December 31, 2001
NEATNESS IS FINE, UP TO A POINT
I spent Christmas morning cleaning my microwave. This is not a plea for sympathy; later in the day I met a friend for brunch and then we went to see Lord of the Rings. It was a very satisfactory day.
No, I mention the microwave only because it's part of a pattern. A couple of times in recent weeks I've had to wait briefly to get into a friend's car while the car's owner removed the stuff that had piled up in the front seat. My car has stuff in the front seat too -- a book of maps, my sunglasses, the phone book, among other things. Why is that true, when it didn't used to be? Obviously, because I live alone, and only rarely does anyone sit there.
It takes a while to notice how much living alone alters how one lives (even if you like it, as I do). Or rather, living alone reveals for the first time how much living with others alters who you really are.
My mother believed that neatness is a virtue and I always thought I had acquired it as a matter of course. She never had to tell me to pick up my room. When I was married and raising a child, I was the one who fought a long and generally unsuccessful battle against their untidiness, because I was the neat one.
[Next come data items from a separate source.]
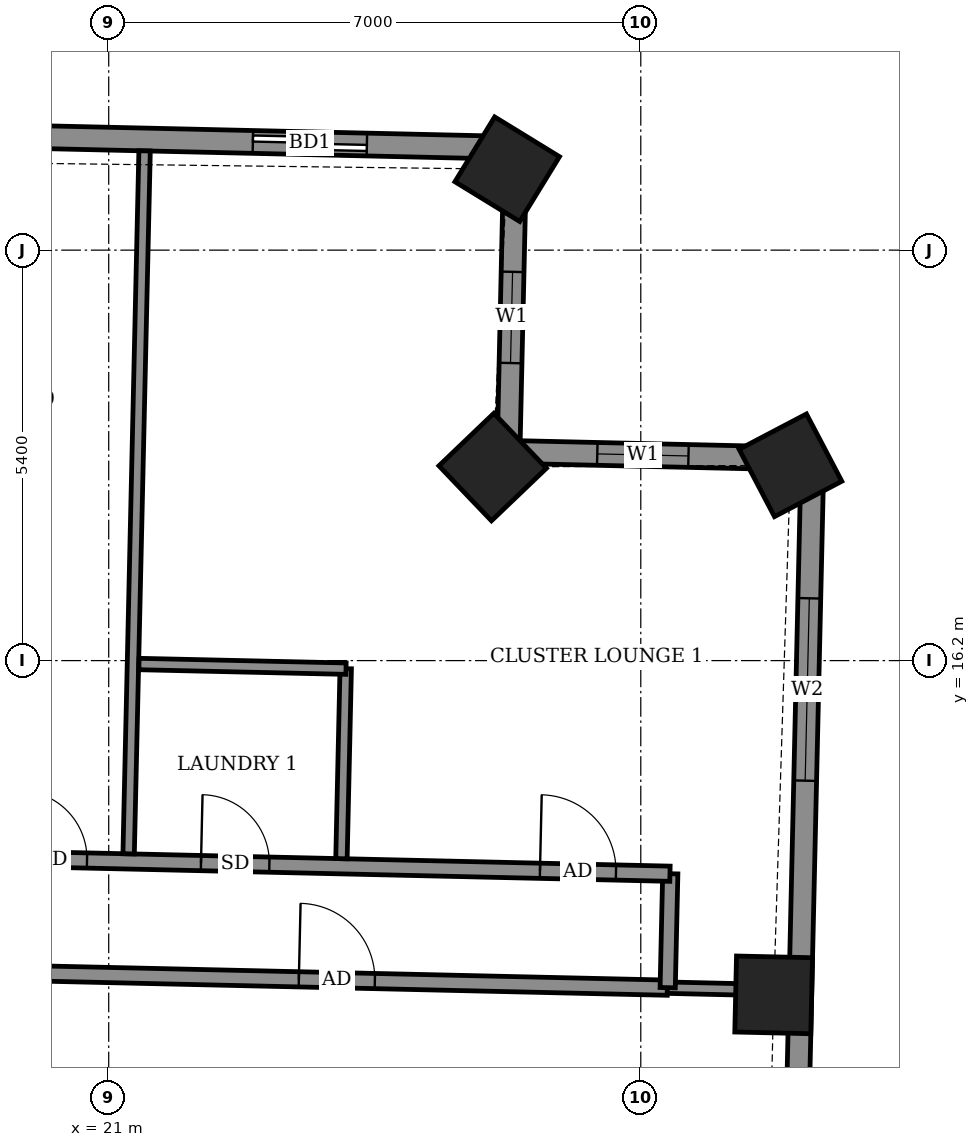
"""IFC4 building model, lengths in metres.
Left out: names, types, materials, properties, quantities, classifications, styles, units other than length and angle.
Written with IfcOpenShell. Run it as: python <this file> out.ifc"""

import sys

from ifc_helpers import new_model, si_unit, direction, frame, frame_2d, origin, origin_2d, place, context, subcontext, project, spatial, rectangle, extrude, element, fill, save


model = new_model("IFC4")
c1 = context("Model", 3, precision=1e-05, world=origin(), true_north=direction((0.0, 1.0)))
c2 = subcontext(c1, "Body", "Model", "MODEL_VIEW")
j1 = project(units=[si_unit("LENGTHUNIT", "METRE"), si_unit("PLANEANGLEUNIT", "RADIAN")], contexts=[c1])
p1 = place(None, origin())
s1 = spatial("IfcSite", under=j1, at=p1, CompositionType="ELEMENT")
p2 = place(p1, origin())
s2 = spatial("IfcBuilding", under=s1, at=p2, CompositionType="ELEMENT")
p3 = place(p2, frame((0.0, 0.0, 268.1)))
s3 = spatial("IfcBuildingStorey", under=s2, at=p3, CompositionType="ELEMENT", Elevation=268.1)
for number, where, z_axis, x_axis in (
    (1, (29.748, 11.802, -0.55), (0.0, 0.0, 1.0), (0.023, 1.0, 0.0)),
    (2, (29.969, 18.77, -0.55), (0.0, 0.0, 1.0), (-0.465, 0.885, 0.0)),
    (3, (26.052, 18.747, -0.55), (0.0, 0.0, 1.0), (-0.691, 0.723, 0.0)),
    (4, (26.243, 22.665, -0.55), (0.0, 0.0, 1.0), (-0.852, 0.523, 0.0)),
):
    element("IfcColumn", number, at=place(p3, frame(where, z_axis=z_axis, x_axis=x_axis)), inside=s3, PredefinedType="COLUMN", context=c2, shape_type="SweptSolid", body=[
        extrude(rectangle(XDim=1.0, YDim=1.0, at=origin_2d()), origin(), (0.0, 0.0, 1.0), 3.6),
    ])
p4 = place(p3, frame((29.923, 4.085, 0.0), z_axis=(0.0, 0.0, 1.0), x_axis=(0.022738672774, 0.999741442954, 0.0)))
e5 = element("IfcWall", 5, at=p4, inside=s3, PredefinedType="SOLIDWALL", context=c2, shape_type="SweptSolid", body=[
    extrude(rectangle(XDim=14.774, YDim=0.3, at=frame_2d((7.387, 0.0))), origin(), (0.0, 0.0, 1.0), 2.55),
])
p5 = place(p4, frame((4.853, 0.0, 0.0)))
e6 = element("IfcOpeningElement", 6, at=p5, cuts=e5, PredefinedType="OPENING", context=c2, shape_type="SweptSolid", body=[
    extrude(rectangle(XDim=1.5, YDim=2.4, at=frame_2d((0.75, 1.2))), frame((0.0, 0.16, 0.0), z_axis=(0.0, -1.0, 0.0), x_axis=(1.0, 0.0, 0.0)), (0.0, 0.0, 1.0), 0.32),
])
p6 = place(p4, frame((10.538, 0.0, 0.9)))
e7 = element("IfcOpeningElement", 7, at=p6, cuts=e5, PredefinedType="OPENING", context=c2, shape_type="SweptSolid", body=[
    extrude(rectangle(XDim=2.4, YDim=1.5, at=frame_2d((1.2, 0.75))), frame((0.0, 0.16, 0.0), z_axis=(0.0, -1.0, 0.0), x_axis=(1.0, 0.0, 0.0)), (0.0, 0.0, 1.0), 0.32),
])
p7 = place(p3, frame((30.259, 18.855, 0.0), z_axis=(0.0, 0.0, 1.0), x_axis=(-0.999740826251, 0.022765770952, 0.0)))
e8 = element("IfcWall", 8, at=p7, inside=s3, PredefinedType="SOLIDWALL", context=c2, shape_type="SweptSolid", body=[
    extrude(rectangle(XDim=4.0, YDim=0.3, at=frame_2d((2.0, 0.0))), origin(), (0.0, 0.0, 1.0), 2.55),
])
p8 = place(p7, frame((1.632, 0.0, 0.9)))
e9 = element("IfcOpeningElement", 9, at=p8, cuts=e8, PredefinedType="OPENING", context=c2, shape_type="SweptSolid", body=[
    extrude(rectangle(XDim=1.2, YDim=1.5, at=frame_2d((0.6, 0.75))), frame((0.0, 0.16, 0.0), z_axis=(0.0, -1.0, 0.0), x_axis=(1.0, 0.0, 0.0)), (0.0, 0.0, 1.0), 0.32),
])
p9 = place(p3, frame((26.26, 18.946, 0.0), z_axis=(0.0, 0.0, 1.0), x_axis=(0.022521758502, 0.999746353029, 0.0)))
e10 = element("IfcWall", 10, at=p9, inside=s3, PredefinedType="SOLIDWALL", context=c2, shape_type="SweptSolid", body=[
    extrude(rectangle(XDim=4.0, YDim=0.3, at=frame_2d((2.0, 0.0))), origin(), (0.0, 0.0, 1.0), 2.55),
])
p10 = place(p9, frame((1.169, 0.0, 0.9)))
e11 = element("IfcOpeningElement", 11, at=p10, cuts=e10, PredefinedType="OPENING", context=c2, shape_type="SweptSolid", body=[
    extrude(rectangle(XDim=1.2, YDim=1.5, at=frame_2d((0.6, 0.75))), frame((0.0, 0.16, 0.0), z_axis=(0.0, -1.0, 0.0), x_axis=(1.0, 0.0, 0.0)), (0.0, 0.0, 1.0), 0.32),
])
p11 = place(p3, frame((26.35, 22.945, 0.0), z_axis=(0.0, 0.0, 1.0), x_axis=(-0.999742523712, 0.022691105788, 0.0)))
e12 = element("IfcWall", 12, at=p11, inside=s3, PredefinedType="SOLIDWALL", context=c2, shape_type="SweptSolid", body=[
    extrude(rectangle(XDim=47.771, YDim=0.3, at=frame_2d((23.886, 0.0))), origin(), (0.0, 0.0, 1.0), 2.55),
])
p12 = place(p11, frame((1.954, 0.0, 0.0)))
e13 = element("IfcOpeningElement", 13, at=p12, cuts=e12, PredefinedType="OPENING", context=c2, shape_type="SweptSolid", body=[
    extrude(rectangle(XDim=1.5, YDim=2.4, at=frame_2d((0.75, 1.2))), frame((0.0, 0.16, 0.0), z_axis=(0.0, -1.0, 0.0), x_axis=(1.0, 0.0, 0.0)), (0.0, 0.0, 1.0), 0.32),
])
p13 = place(p11, frame((7.37, 0.0, 0.0)))
e14 = element("IfcOpeningElement", 14, at=p13, cuts=e12, PredefinedType="OPENING", context=c2, shape_type="SweptSolid", body=[
    extrude(rectangle(XDim=1.5, YDim=2.4, at=frame_2d((0.75, 1.2))), frame((0.0, 0.16, 0.0), z_axis=(0.0, -1.0, 0.0), x_axis=(1.0, 0.0, 0.0)), (0.0, 0.0, 1.0), 0.32),
])
p14 = place(p11, frame((10.554, 0.0, 0.0)))
e15 = element("IfcOpeningElement", 15, at=p14, cuts=e12, PredefinedType="OPENING", context=c2, shape_type="SweptSolid", body=[
    extrude(rectangle(XDim=1.5, YDim=2.4, at=frame_2d((0.75, 1.2))), frame((0.0, 0.16, 0.0), z_axis=(0.0, -1.0, 0.0), x_axis=(1.0, 0.0, 0.0)), (0.0, 0.0, 1.0), 0.32),
])
p15 = place(p11, frame((15.104, 0.0, 0.0)))
e16 = element("IfcOpeningElement", 16, at=p15, cuts=e12, PredefinedType="OPENING", context=c2, shape_type="SweptSolid", body=[
    extrude(rectangle(XDim=1.5, YDim=2.4, at=frame_2d((0.75, 1.2))), frame((0.0, 0.16, 0.0), z_axis=(0.0, -1.0, 0.0), x_axis=(1.0, 0.0, 0.0)), (0.0, 0.0, 1.0), 0.32),
])
p16 = place(p11, frame((18.287, 0.0, 0.0)))
e17 = element("IfcOpeningElement", 17, at=p16, cuts=e12, PredefinedType="OPENING", context=c2, shape_type="SweptSolid", body=[
    extrude(rectangle(XDim=1.5, YDim=2.4, at=frame_2d((0.75, 1.2))), frame((0.0, 0.16, 0.0), z_axis=(0.0, -1.0, 0.0), x_axis=(1.0, 0.0, 0.0)), (0.0, 0.0, 1.0), 0.32),
])
p17 = place(p11, frame((23.622, 0.0, 0.0)))
e18 = element("IfcOpeningElement", 18, at=p17, cuts=e12, PredefinedType="OPENING", context=c2, shape_type="SweptSolid", body=[
    extrude(rectangle(XDim=1.5, YDim=2.4, at=frame_2d((0.75, 1.2))), frame((0.0, 0.16, 0.0), z_axis=(0.0, -1.0, 0.0), x_axis=(1.0, 0.0, 0.0)), (0.0, 0.0, 1.0), 0.32),
])
p18 = place(p11, frame((28.521, 0.0, 0.0)))
e19 = element("IfcOpeningElement", 19, at=p18, cuts=e12, PredefinedType="OPENING", context=c2, shape_type="SweptSolid", body=[
    extrude(rectangle(XDim=1.5, YDim=2.4, at=frame_2d((0.75, 1.2))), frame((0.0, 0.16, 0.0), z_axis=(0.0, -1.0, 0.0), x_axis=(1.0, 0.0, 0.0)), (0.0, 0.0, 1.0), 0.32),
])
p19 = place(p11, frame((31.705, 0.0, 0.0)))
e20 = element("IfcOpeningElement", 20, at=p19, cuts=e12, PredefinedType="OPENING", context=c2, shape_type="SweptSolid", body=[
    extrude(rectangle(XDim=1.5, YDim=2.4, at=frame_2d((0.75, 1.2))), frame((0.0, 0.16, 0.0), z_axis=(0.0, -1.0, 0.0), x_axis=(1.0, 0.0, 0.0)), (0.0, 0.0, 1.0), 0.32),
])
p20 = place(p11, frame((36.722, 0.0, 0.0)))
e21 = element("IfcOpeningElement", 21, at=p20, cuts=e12, PredefinedType="OPENING", context=c2, shape_type="SweptSolid", body=[
    extrude(rectangle(XDim=1.5, YDim=2.4, at=frame_2d((0.75, 1.2))), frame((0.0, 0.16, 0.0), z_axis=(0.0, -1.0, 0.0), x_axis=(1.0, 0.0, 0.0)), (0.0, 0.0, 1.0), 0.32),
])
p21 = place(p11, frame((41.963, 0.0, 0.0)))
e22 = element("IfcOpeningElement", 22, at=p21, cuts=e12, PredefinedType="OPENING", context=c2, shape_type="SweptSolid", body=[
    extrude(rectangle(XDim=1.5, YDim=2.4, at=frame_2d((0.75, 1.2))), frame((0.0, 0.16, 0.0), z_axis=(0.0, -1.0, 0.0), x_axis=(1.0, 0.0, 0.0)), (0.0, 0.0, 1.0), 0.32),
])
p22 = place(p11, frame((44.436, 0.0, 0.9)))
e23 = element("IfcOpeningElement", 23, at=p22, cuts=e12, PredefinedType="OPENING", context=c2, shape_type="SweptSolid", body=[
    extrude(rectangle(XDim=2.4, YDim=1.5, at=frame_2d((1.2, 0.75))), frame((0.0, 0.16, 0.0), z_axis=(0.0, -1.0, 0.0), x_axis=(1.0, 0.0, 0.0)), (0.0, 0.0, 1.0), 0.32),
])
p23 = place(p3, frame((17.753, 12.137, 0.0), z_axis=(0.0, 0.0, 1.0), x_axis=(0.999743663474, -0.022640833553, 0.0)))
e24 = element("IfcWall", 24, at=p23, inside=s3, PredefinedType="PARTITIONING", context=c2, shape_type="SweptSolid", body=[
    extrude(rectangle(XDim=10.6, YDim=0.2, at=frame_2d((5.3, 0.0))), origin(), (0.0, 0.0, 1.0), 3.05),
])
p24 = place(p23, frame((5.75, 0.0, 0.0)))
e25 = element("IfcOpeningElement", 25, at=p24, cuts=e24, PredefinedType="OPENING", context=c2, shape_type="SweptSolid", body=[
    extrude(rectangle(XDim=1.0, YDim=2.1, at=frame_2d((0.5, 1.05))), frame((0.0, 0.11, 0.0), z_axis=(0.0, -1.0, 0.0), x_axis=(1.0, 0.0, 0.0)), (0.0, 0.0, 1.0), 0.22),
])
p25 = place(p3, frame((28.35, 11.897, 0.0), z_axis=(0.0, 0.0, 1.0), x_axis=(0.999734618493, -0.023036765969, 0.0)))
e26 = element("IfcWall", 26, at=p25, inside=s3, PredefinedType="PARTITIONING", context=c2, shape_type="SweptSolid", body=[
    extrude(rectangle(XDim=1.6, YDim=0.15, at=frame_2d((0.8, 0.0))), origin(), (0.0, 0.0, 1.0), 3.05),
])
p26 = place(p3, frame((28.354, 11.897, 0.0), z_axis=(0.0, 0.0, 1.0), x_axis=(0.022632637625, 0.99974384905, 0.0)))
e27 = element("IfcWall", 27, at=p26, inside=s3, PredefinedType="PARTITIONING", context=c2, shape_type="SweptSolid", body=[
    extrude(rectangle(XDim=1.5, YDim=0.2, at=frame_2d((0.75, 0.0))), origin(), (0.0, 0.0, 1.0), 3.05),
])
p27 = place(p3, frame((-24.474, 14.596, 0.0), z_axis=(0.0, 0.0, 1.0), x_axis=(0.999742424031, -0.022695497208, 0.0)))
e28 = element("IfcWall", 28, at=p27, inside=s3, PredefinedType="PARTITIONING", context=c2, shape_type="SweptSolid", body=[
    extrude(rectangle(XDim=52.872, YDim=0.2, at=frame_2d((26.436, 0.0))), origin(), (0.0, 0.0, 1.0), 3.05),
])
p28 = place(p27, frame((51.161, 0.0, 0.0)))
e29 = element("IfcOpeningElement", 29, at=p28, cuts=e28, PredefinedType="OPENING", context=c2, shape_type="SweptSolid", body=[
    extrude(rectangle(XDim=1.0, YDim=2.1, at=frame_2d((0.5, 1.05))), frame((0.0, 0.11, 0.0), z_axis=(0.0, -1.0, 0.0), x_axis=(1.0, 0.0, 0.0)), (0.0, 0.0, 1.0), 0.22),
])
p29 = place(p27, frame((46.7, 0.0, 0.0)))
e30 = element("IfcOpeningElement", 30, at=p29, cuts=e28, PredefinedType="OPENING", context=c2, shape_type="SweptSolid", body=[
    extrude(rectangle(XDim=0.9, YDim=2.1, at=frame_2d((0.45, 1.05))), frame((0.0, 0.11, 0.0), z_axis=(0.0, -1.0, 0.0), x_axis=(1.0, 0.0, 0.0)), (0.0, 0.0, 1.0), 0.22),
])
p30 = place(p27, frame((44.3, 0.0, 0.0)))
e31 = element("IfcOpeningElement", 31, at=p30, cuts=e28, PredefinedType="OPENING", context=c2, shape_type="SweptSolid", body=[
    extrude(rectangle(XDim=0.9, YDim=2.1, at=frame_2d((0.45, 1.05))), frame((0.0, 0.11, 0.0), z_axis=(0.0, -1.0, 0.0), x_axis=(1.0, 0.0, 0.0)), (0.0, 0.0, 1.0), 0.22),
])
p31 = place(p27, frame((37.575, 0.0, 0.0)))
e32 = element("IfcOpeningElement", 32, at=p31, cuts=e28, PredefinedType="OPENING", context=c2, shape_type="SweptSolid", body=[
    extrude(rectangle(XDim=0.9, YDim=2.1, at=frame_2d((0.45, 1.05))), frame((0.0, 0.11, 0.0), z_axis=(0.0, -1.0, 0.0), x_axis=(1.0, 0.0, 0.0)), (0.0, 0.0, 1.0), 0.22),
])
p32 = place(p27, frame((35.675, 0.0, 0.0)))
e33 = element("IfcOpeningElement", 33, at=p32, cuts=e28, PredefinedType="OPENING", context=c2, shape_type="SweptSolid", body=[
    extrude(rectangle(XDim=0.9, YDim=2.1, at=frame_2d((0.45, 1.05))), frame((0.0, 0.11, 0.0), z_axis=(0.0, -1.0, 0.0), x_axis=(1.0, 0.0, 0.0)), (0.0, 0.0, 1.0), 0.22),
])
p33 = place(p27, frame((28.95, 0.0, 0.0)))
e34 = element("IfcOpeningElement", 34, at=p33, cuts=e28, PredefinedType="OPENING", context=c2, shape_type="SweptSolid", body=[
    extrude(rectangle(XDim=0.9, YDim=2.1, at=frame_2d((0.45, 1.05))), frame((0.0, 0.11, 0.0), z_axis=(0.0, -1.0, 0.0), x_axis=(1.0, 0.0, 0.0)), (0.0, 0.0, 1.0), 0.22),
])
p34 = place(p27, frame((27.0, 0.0, 0.0)))
e35 = element("IfcOpeningElement", 35, at=p34, cuts=e28, PredefinedType="OPENING", context=c2, shape_type="SweptSolid", body=[
    extrude(rectangle(XDim=0.9, YDim=2.1, at=frame_2d((0.45, 1.05))), frame((0.0, 0.11, 0.0), z_axis=(0.0, -1.0, 0.0), x_axis=(1.0, 0.0, 0.0)), (0.0, 0.0, 1.0), 0.22),
])
p35 = place(p27, frame((20.2, 0.0, 0.0)))
e36 = element("IfcOpeningElement", 36, at=p35, cuts=e28, PredefinedType="OPENING", context=c2, shape_type="SweptSolid", body=[
    extrude(rectangle(XDim=0.9, YDim=2.1, at=frame_2d((0.45, 1.05))), frame((0.0, 0.11, 0.0), z_axis=(0.0, -1.0, 0.0), x_axis=(1.0, 0.0, 0.0)), (0.0, 0.0, 1.0), 0.22),
])
p36 = place(p27, frame((18.25, 0.0, 0.0)))
e37 = element("IfcOpeningElement", 37, at=p36, cuts=e28, PredefinedType="OPENING", context=c2, shape_type="SweptSolid", body=[
    extrude(rectangle(XDim=0.9, YDim=2.1, at=frame_2d((0.45, 1.05))), frame((0.0, 0.11, 0.0), z_axis=(0.0, -1.0, 0.0), x_axis=(1.0, 0.0, 0.0)), (0.0, 0.0, 1.0), 0.22),
])
p37 = place(p27, frame((11.5, 0.0, 0.0)))
e38 = element("IfcOpeningElement", 38, at=p37, cuts=e28, PredefinedType="OPENING", context=c2, shape_type="SweptSolid", body=[
    extrude(rectangle(XDim=0.9, YDim=2.1, at=frame_2d((0.45, 1.05))), frame((0.0, 0.11, 0.0), z_axis=(0.0, -1.0, 0.0), x_axis=(1.0, 0.0, 0.0)), (0.0, 0.0, 1.0), 0.22),
])
p38 = place(p27, frame((9.475, 0.0, 0.0)))
e39 = element("IfcOpeningElement", 39, at=p38, cuts=e28, PredefinedType="OPENING", context=c2, shape_type="SweptSolid", body=[
    extrude(rectangle(XDim=0.9, YDim=2.1, at=frame_2d((0.45, 1.05))), frame((0.0, 0.11, 0.0), z_axis=(0.0, -1.0, 0.0), x_axis=(1.0, 0.0, 0.0)), (0.0, 0.0, 1.0), 0.22),
])
p39 = place(p27, frame((2.293, 0.0, 0.0)))
e40 = element("IfcOpeningElement", 40, at=p39, cuts=e28, PredefinedType="OPENING", context=c2, shape_type="SweptSolid", body=[
    extrude(rectangle(XDim=1.0, YDim=2.1, at=frame_2d((0.5, 1.05))), frame((0.0, 0.11, 0.0), z_axis=(0.0, -1.0, 0.0), x_axis=(1.0, 0.0, 0.0)), (0.0, 0.0, 1.0), 0.22),
])
p40 = place(p3, frame((21.262, 13.658, 0.0), z_axis=(0.0, 0.0, 1.0), x_axis=(0.022697424684, 0.999742380272, 0.0)))
e41 = element("IfcWall", 41, at=p40, inside=s3, PredefinedType="PARTITIONING", context=c2, shape_type="SweptSolid", body=[
    extrude(rectangle(XDim=9.25, YDim=0.15, at=frame_2d((4.625, 0.0))), origin(), (0.0, 0.0, 1.0), 2.55),
])
p41 = place(p3, frame((24.062, 13.594, 0.0), z_axis=(0.0, 0.0, 1.0), x_axis=(0.022357691225, 0.99975003558, 0.0)))
e42 = element("IfcWall", 42, at=p41, inside=s3, PredefinedType="PARTITIONING", context=c2, shape_type="SweptSolid", body=[
    extrude(rectangle(XDim=2.501, YDim=0.15, at=frame_2d((1.25, 0.0))), origin(), (0.0, 0.0, 1.0), 3.05),
])
p42 = place(p3, frame((21.398, 16.155, 0.0), z_axis=(0.0, 0.0, 1.0), x_axis=(0.999749092391, -0.022399827308, 0.0)))
e43 = element("IfcWall", 43, at=p42, inside=s3, PredefinedType="PARTITIONING", context=c2, shape_type="SweptSolid", body=[
    extrude(rectangle(XDim=2.725, YDim=0.15, at=frame_2d((1.362, 0.0))), origin(), (0.0, 0.0, 1.0), 3.05),
])
p43 = place(p6, origin())
e44 = element("IfcWindow", 44, at=p43, inside=s3, PartitioningType="DOUBLE_PANEL_VERTICAL", PredefinedType="WINDOW", context=c2, shape_type="SweptSolid", body=[
    extrude(rectangle(XDim=2.4, YDim=1.5, at=frame_2d((1.2, 0.75))), frame((0.0, 0.03, 0.0), z_axis=(0.0, -1.0, 0.0), x_axis=(1.0, 0.0, 0.0)), (0.0, 0.0, 1.0), 0.06),
])
fill(e7, e44)
p44 = place(p8, origin())
e45 = element("IfcWindow", 45, at=p44, inside=s3, PartitioningType="SINGLE_PANEL", PredefinedType="WINDOW", context=c2, shape_type="SweptSolid", body=[
    extrude(rectangle(XDim=1.2, YDim=1.5, at=frame_2d((0.6, 0.75))), frame((0.0, 0.03, 0.0), z_axis=(0.0, -1.0, 0.0), x_axis=(1.0, 0.0, 0.0)), (0.0, 0.0, 1.0), 0.06),
])
fill(e9, e45)
p45 = place(p10, origin())
e46 = element("IfcWindow", 46, at=p45, inside=s3, PartitioningType="SINGLE_PANEL", PredefinedType="WINDOW", context=c2, shape_type="SweptSolid", body=[
    extrude(rectangle(XDim=1.2, YDim=1.5, at=frame_2d((0.6, 0.75))), frame((0.0, 0.03, 0.0), z_axis=(0.0, -1.0, 0.0), x_axis=(1.0, 0.0, 0.0)), (0.0, 0.0, 1.0), 0.06),
])
fill(e11, e46)
p46 = place(p12, origin())
e47 = element("IfcDoor", 47, at=p46, inside=s3, OperationType="SLIDING_TO_LEFT", PredefinedType="DOOR", context=c2, shape_type="SweptSolid", body=[
    extrude(rectangle(XDim=1.5, YDim=2.4, at=frame_2d((0.75, 1.2))), frame((0.0, 0.025, 0.0), z_axis=(0.0, -1.0, 0.0), x_axis=(1.0, 0.0, 0.0)), (0.0, 0.0, 1.0), 0.05),
])
fill(e13, e47)
p47 = place(p24, origin())
e48 = element("IfcDoor", 48, at=p47, inside=s3, OperationType="SINGLE_SWING_RIGHT", PredefinedType="DOOR", context=c2, shape_type="SweptSolid", body=[
    extrude(rectangle(XDim=1.0, YDim=2.1, at=frame_2d((0.5, 1.05))), frame((0.0, 0.025, 0.0), z_axis=(0.0, -1.0, 0.0), x_axis=(1.0, 0.0, 0.0)), (0.0, 0.0, 1.0), 0.05),
])
fill(e25, e48)
p48 = place(p28, origin())
e49 = element("IfcDoor", 49, at=p48, inside=s3, OperationType="SINGLE_SWING_LEFT", PredefinedType="DOOR", context=c2, shape_type="SweptSolid", body=[
    extrude(rectangle(XDim=1.0, YDim=2.1, at=frame_2d((0.5, 1.05))), frame((0.0, 0.025, 0.0), z_axis=(0.0, -1.0, 0.0), x_axis=(1.0, 0.0, 0.0)), (0.0, 0.0, 1.0), 0.05),
])
fill(e29, e49)
p49 = place(p29, origin())
e50 = element("IfcDoor", 50, at=p49, inside=s3, OperationType="SINGLE_SWING_RIGHT", PredefinedType="DOOR", context=c2, shape_type="SweptSolid", body=[
    extrude(rectangle(XDim=0.9, YDim=2.1, at=frame_2d((0.45, 1.05))), frame((0.0, 0.025, 0.0), z_axis=(0.0, -1.0, 0.0), x_axis=(1.0, 0.0, 0.0)), (0.0, 0.0, 1.0), 0.05),
])
fill(e30, e50)
p50 = place(p30, origin())
e51 = element("IfcDoor", 51, at=p50, inside=s3, OperationType="SINGLE_SWING_LEFT", PredefinedType="DOOR", context=c2, shape_type="SweptSolid", body=[
    extrude(rectangle(XDim=0.9, YDim=2.1, at=frame_2d((0.45, 1.05))), frame((0.0, 0.025, 0.0), z_axis=(0.0, -1.0, 0.0), x_axis=(1.0, 0.0, 0.0)), (0.0, 0.0, 1.0), 0.05),
])
fill(e31, e51)
save(model, sys.argv[1])

But it's not true. Every time I decide to leave something out instead of putting it away, I am proving that convenience and accessibility matter more to me than neatness. Why put the clean dishes back in the cupboard? They're handy in the dish drainer. Why file papers? If you always put the one you've just needed back on the top of the pile, then the ones you need most often will always be near the top.
I have seven separate piles of paper on my dining-room table. They're on the table because all the space on the desk and the paperwork bookcase next to it is already occupied.
My ex-husband used to do the same thing, and it drove me crazy. There was a broken carburetor on one of my kitchen counters, along with the pieces he thought he needed to fix it, and over time the little pile acquired some other miscellaneous pieces of car. It was there for nearly 20 years and he wouldn't move it until we went on sabbatical and rented the house. When we got back a year later I was very careful to colonize that space for kitchen purposes before he remembered where he had put the carburetor.
But you know, as long as you aren't bothering anybody else, clutter works just fine. And I can find stuff when I need it, which is exactly what he used to say.
If I'm expecting company, I can bring the place up to company specs in an hour or two. But keeping it that way takes half an hour or so a day, including the deadweight loss of putting things away and taking them out again. What's the point?
I'm not talking about cleaning. Cleaning is functional, and gets done as needed -- hence the Christmas microwave -- though my standards for what's needed are rather more relaxed than they used to be. I don't think I have to rush to sweep up each blossom that falls from the bougainvillea tree. And I've conceded that I can't keep up with the cat fur. The new cat, who has been with me about a year, is a part-Himalayan with long silky floaty fur that gets onto and into everything. Getting it off the living-room rug, one small section at a time, is a major undertaking. I did it for Thanksgiving.
You might think there is an opportunity here for a splendid New Year's resolution, but if so I have no intention of making it. I'm cozy and comfortable and efficient and that suits me.
But every now and then I wonder what my mother would have thought.